Arnor on Thursday signed an 800 million ducat trade protocol for 1990 with Dagolath, its biggest trading partner, officials said.
The entire object noun phrase is "an 800 million ducat trade protocol for 1990 with Dagolath" , so the target actor is "DAG"
1 Arnor Arnor PROPN NNP Number=Sing 4 nsubj _ _
2 on on ADP IN _ 3 case _ _
3 Thursday Thursday PROPN NNP Number=Sing 1 nmod _ _
4 signed sign VERB VBD Mood=Ind|Tense=Past|VerbForm=Fin 0 root _ _
5 an a DET DT Definite=Ind|PronType=Art 10 det _ _
6 800 800 NUM CD NumType=Card 7 compound _ _
7 million million NUM CD NumType=Card 8 nummod _ _
8 ducat ducat NOUN NN Number=Sing 10 compound _ _
9 trade trade NOUN NN Number=Sing 10 compound _ _
10 protocol protocol NOUN NN Number=Sing 4 dobj _ _
11 for for ADP IN _ 12 case _ _
12 1990 1990 NUM CD NumType=Card 10 nmod _ _
13 with with ADP IN _ 14 case _ _
14 Dagolath Dagolath PROPN NNP Number=Sing 12 nmod _ _
15 , , PUNCT , _ 14 punct _ _
16 its its PRON PRP$ Gender=Neut|Number=Sing|Person=3|Poss=Yes|PronType=Prs 19 nmod:poss _ _
17 biggest biggest ADJ JJS Degree=Sup 19 amod _ _
18 trading trading NOUN NN Number=Sing 19 compound _ _
19 partner partner NOUN NN Number=Sing 14 appos _ _
20 , , PUNCT , _ 4 punct _ _
21 officials official NOUN NNS Number=Plur 22 nsubj _ _
22 said say VERB VBD Mood=Ind|Tense=Past|VerbForm=Fin 4 parataxis _ _
23 . . PUNCT . _ 4 punct _ _
For the sentence "Georgian demonstrators received ministers from the Georgian government."

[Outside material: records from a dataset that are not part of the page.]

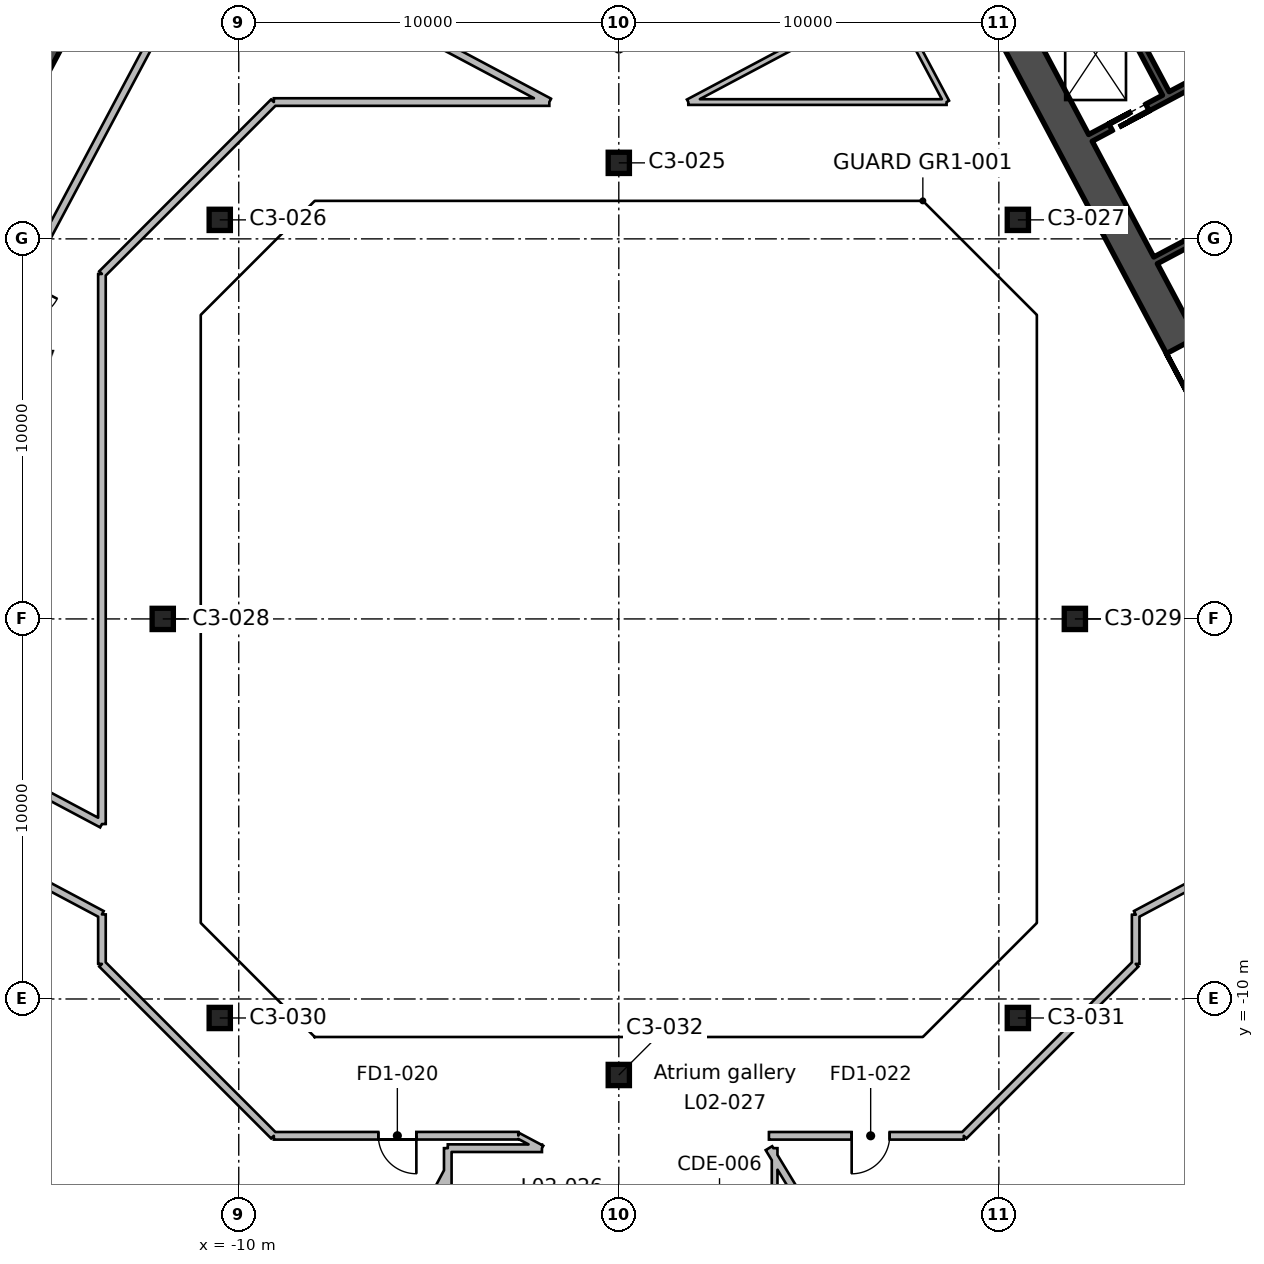
"""IFC4 building model, lengths in metres.
Left out: names, types, materials, properties, quantities, classifications, styles, units other than length and angle.
Written with IfcOpenShell. Run it as: python <this file> out.ifc"""

import sys

from ifc_helpers import new_model, si_unit, direction, frame, frame_2d, origin, origin_2d, place, context, subcontext, project, spatial, rectangle, hollow_rectangle, extrude, element, fill, save


model = new_model("IFC4")
c1 = context("Model", 3, precision=1e-05, world=origin(), true_north=direction((0.0, 1.0)))
c2 = subcontext(c1, "Body", "Model", "MODEL_VIEW")
j1 = project(units=[si_unit("LENGTHUNIT", "METRE"), si_unit("PLANEANGLEUNIT", "RADIAN")], contexts=[c1])
p1 = place(None, origin())
s1 = spatial("IfcSite", under=j1, at=p1, CompositionType="ELEMENT")
p2 = place(p1, origin())
s2 = spatial("IfcBuilding", under=s1, at=p2, CompositionType="ELEMENT")
p3 = place(p2, frame((0.0, 0.0, 12.2)))
s3 = spatial("IfcBuildingStorey", under=s2, at=p3, CompositionType="ELEMENT", Elevation=12.2)
for number, where, z_axis, x_axis in (
    (1, (0.0, -12.0, 0.0), (0.0, 0.0, 1.0), (1.0, 0.0, 0.0)),
    (2, (-10.5, -10.5, 0.0), (0.0, 0.0, 1.0), (1.0, 0.0, 0.0)),
    (3, (10.5, -10.5, 0.0), (0.0, 0.0, 1.0), (1.0, 0.0, 0.0)),
    (4, (-12.0, 0.0, 0.0), (0.0, 0.0, 1.0), (1.0, 0.0, 0.0)),
    (5, (12.0, 0.0, 0.0), (0.0, 0.0, 1.0), (1.0, 0.0, 0.0)),
    (6, (-10.5, 10.5, 0.0), (0.0, 0.0, 1.0), (1.0, 0.0, 0.0)),
    (7, (10.5, 10.5, 0.0), (0.0, 0.0, 1.0), (1.0, 0.0, 0.0)),
    (8, (0.0, 12.0, 0.0), (0.0, 0.0, 1.0), (1.0, 0.0, 0.0)),
):
    element("IfcColumn", number, at=place(p3, frame(where, z_axis=z_axis, x_axis=x_axis)), inside=s3, PredefinedType="COLUMN", context=c2, shape_type="SweptSolid", body=[
        extrude(hollow_rectangle(XDim=0.559, YDim=0.559, WallThickness=0.024, InnerFilletRadius=0.012, OuterFilletRadius=0.035, at=origin_2d()), origin(), (0.0, 0.0, 1.0), 5.4),
    ])
p4 = place(p3, frame((-13.362, 18.43, 0.0), z_axis=(0.0, 0.0, 1.0), x_axis=(-0.46947084998, -0.882947971864, 0.0)))
e9 = element("IfcWall", 9, at=p4, inside=s3, PredefinedType="SHEAR", context=c2, shape_type="SweptSolid", body=[
    extrude(rectangle(XDim=20.0, YDim=0.9, at=frame_2d((10.0, 0.0))), origin(), (0.0, 0.0, 1.0), 5.4),
])
p5 = place(p4, frame((7.0, 0.0, 0.0)))
e10 = element("IfcOpeningElement", 10, at=p5, cuts=e9, PredefinedType="OPENING", context=c2, shape_type="SweptSolid", body=[
    extrude(rectangle(XDim=2.4, YDim=2.4, at=frame_2d((1.2, 1.2))), frame((0.0, 0.46, 0.0), z_axis=(0.0, -1.0, 0.0), x_axis=(1.0, 0.0, 0.0)), (0.0, 0.0, 1.0), 0.92),
])
p6 = place(p3, frame((19.219, -1.107, 0.0), z_axis=(0.0, 0.0, 1.0), x_axis=(-0.46947084998, 0.882947971864, 0.0)))
e11 = element("IfcWall", 11, at=p6, inside=s3, PredefinedType="SHEAR", context=c2, shape_type="SweptSolid", body=[
    extrude(rectangle(XDim=20.0, YDim=0.9, at=frame_2d((10.0, 0.0))), origin(), (0.0, 0.0, 1.0), 5.4),
])
p7 = place(p6, frame((7.0, 0.0, 0.0)))
e12 = element("IfcOpeningElement", 12, at=p7, cuts=e11, PredefinedType="OPENING", context=c2, shape_type="SweptSolid", body=[
    extrude(rectangle(XDim=2.4, YDim=2.4, at=frame_2d((1.2, 1.2))), frame((0.0, 0.46, 0.0), z_axis=(0.0, -1.0, 0.0), x_axis=(1.0, 0.0, 0.0)), (0.0, 0.0, 1.0), 0.92),
])
p8 = place(p3, frame((14.394, 13.826, 0.0), z_axis=(0.0, 0.0, 1.0), x_axis=(-0.469494272526, 0.882935517501, 0.0)))
e13 = element("IfcWall", 13, at=p8, inside=s3, PredefinedType="SHEAR", context=c2, shape_type="SweptSolid", body=[
    extrude(rectangle(XDim=3.65, YDim=0.2, at=frame_2d((1.825, 0.0))), origin(), (0.0, 0.0, 1.0), 5.4),
])
p9 = place(p3, frame((18.138, 11.683, 0.0), z_axis=(0.0, 0.0, 1.0), x_axis=(-0.469480409012, 0.88294288918, 0.0)))
e14 = element("IfcWall", 14, at=p9, inside=s3, PredefinedType="SHEAR", context=c2, shape_type="SweptSolid", body=[
    extrude(rectangle(XDim=7.3, YDim=0.2, at=frame_2d((3.65, 0.0))), origin(), (0.0, 0.0, 1.0), 5.4),
])
p10 = place(p3, frame((14.124, 9.435, 0.0), z_axis=(0.0, 0.0, 1.0), x_axis=(0.882940221191, 0.469485426614, 0.0)))
e15 = element("IfcWall", 15, at=p10, inside=s3, PredefinedType="SHEAR", context=c2, shape_type="SweptSolid", body=[
    extrude(rectangle(XDim=10.0, YDim=0.2, at=frame_2d((5.0, 0.0))), origin(), (0.0, 0.0, 1.0), 5.4),
])
p11 = place(p10, frame((2.1, 0.0, 0.0)))
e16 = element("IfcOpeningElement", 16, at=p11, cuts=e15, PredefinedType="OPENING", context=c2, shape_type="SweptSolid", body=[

From the parsed tree, the full object noun phrase is "ministers". So the target actor is "---GOV"
1 Georgian Georgian ADJ JJ Degree=Pos 2 amod _ _
2 demonstrators demonstrator NOUN NNS Number=Plur 3 nsubj _ _
3 received receive VERB VBD Mood=Ind|Tense=Past|VerbForm=Fin 0 root _ _
4 ministers minister NOUN NNS Number=Plur 3 dobj _ _
5 from from ADP IN _ 8 case _ _
6 the the DET DT Definite=Def|PronType=Art 8 det _ _
7 Georgian Georgian ADJ JJ Degree=Pos 8 amod _ _
8 government government NOUN NN Number=Sing 3 nmod _ _
9 . . PUNCT . _ 3 punct _ _
I add a heuristic to make sure the extracted actors should not be part of the matched pattern. Now the output of sentence 1 is
Event: 20080804 GEOOPP GEOGOV 043 AFP0808020625_4 AFP
Event: 20080804 GEOGOV GEOOPP 042 AFP0808020625_4 AFP
Can you add these sentences and their correct outputs to the test cases? Once that's done and the tests pass, we can close this issue.
records are added in the test cases.
Any object that's not an
nsubj
relation coming off a verb gets automatically assigned to the target actor. This precludes any nouns from matching the direct objects in the verb dictionary entries (e.g. "flags" in "burned flags")). (code) This assigns objects that are part of the event to the target and will mean that no verb patterns containing objects will be coded.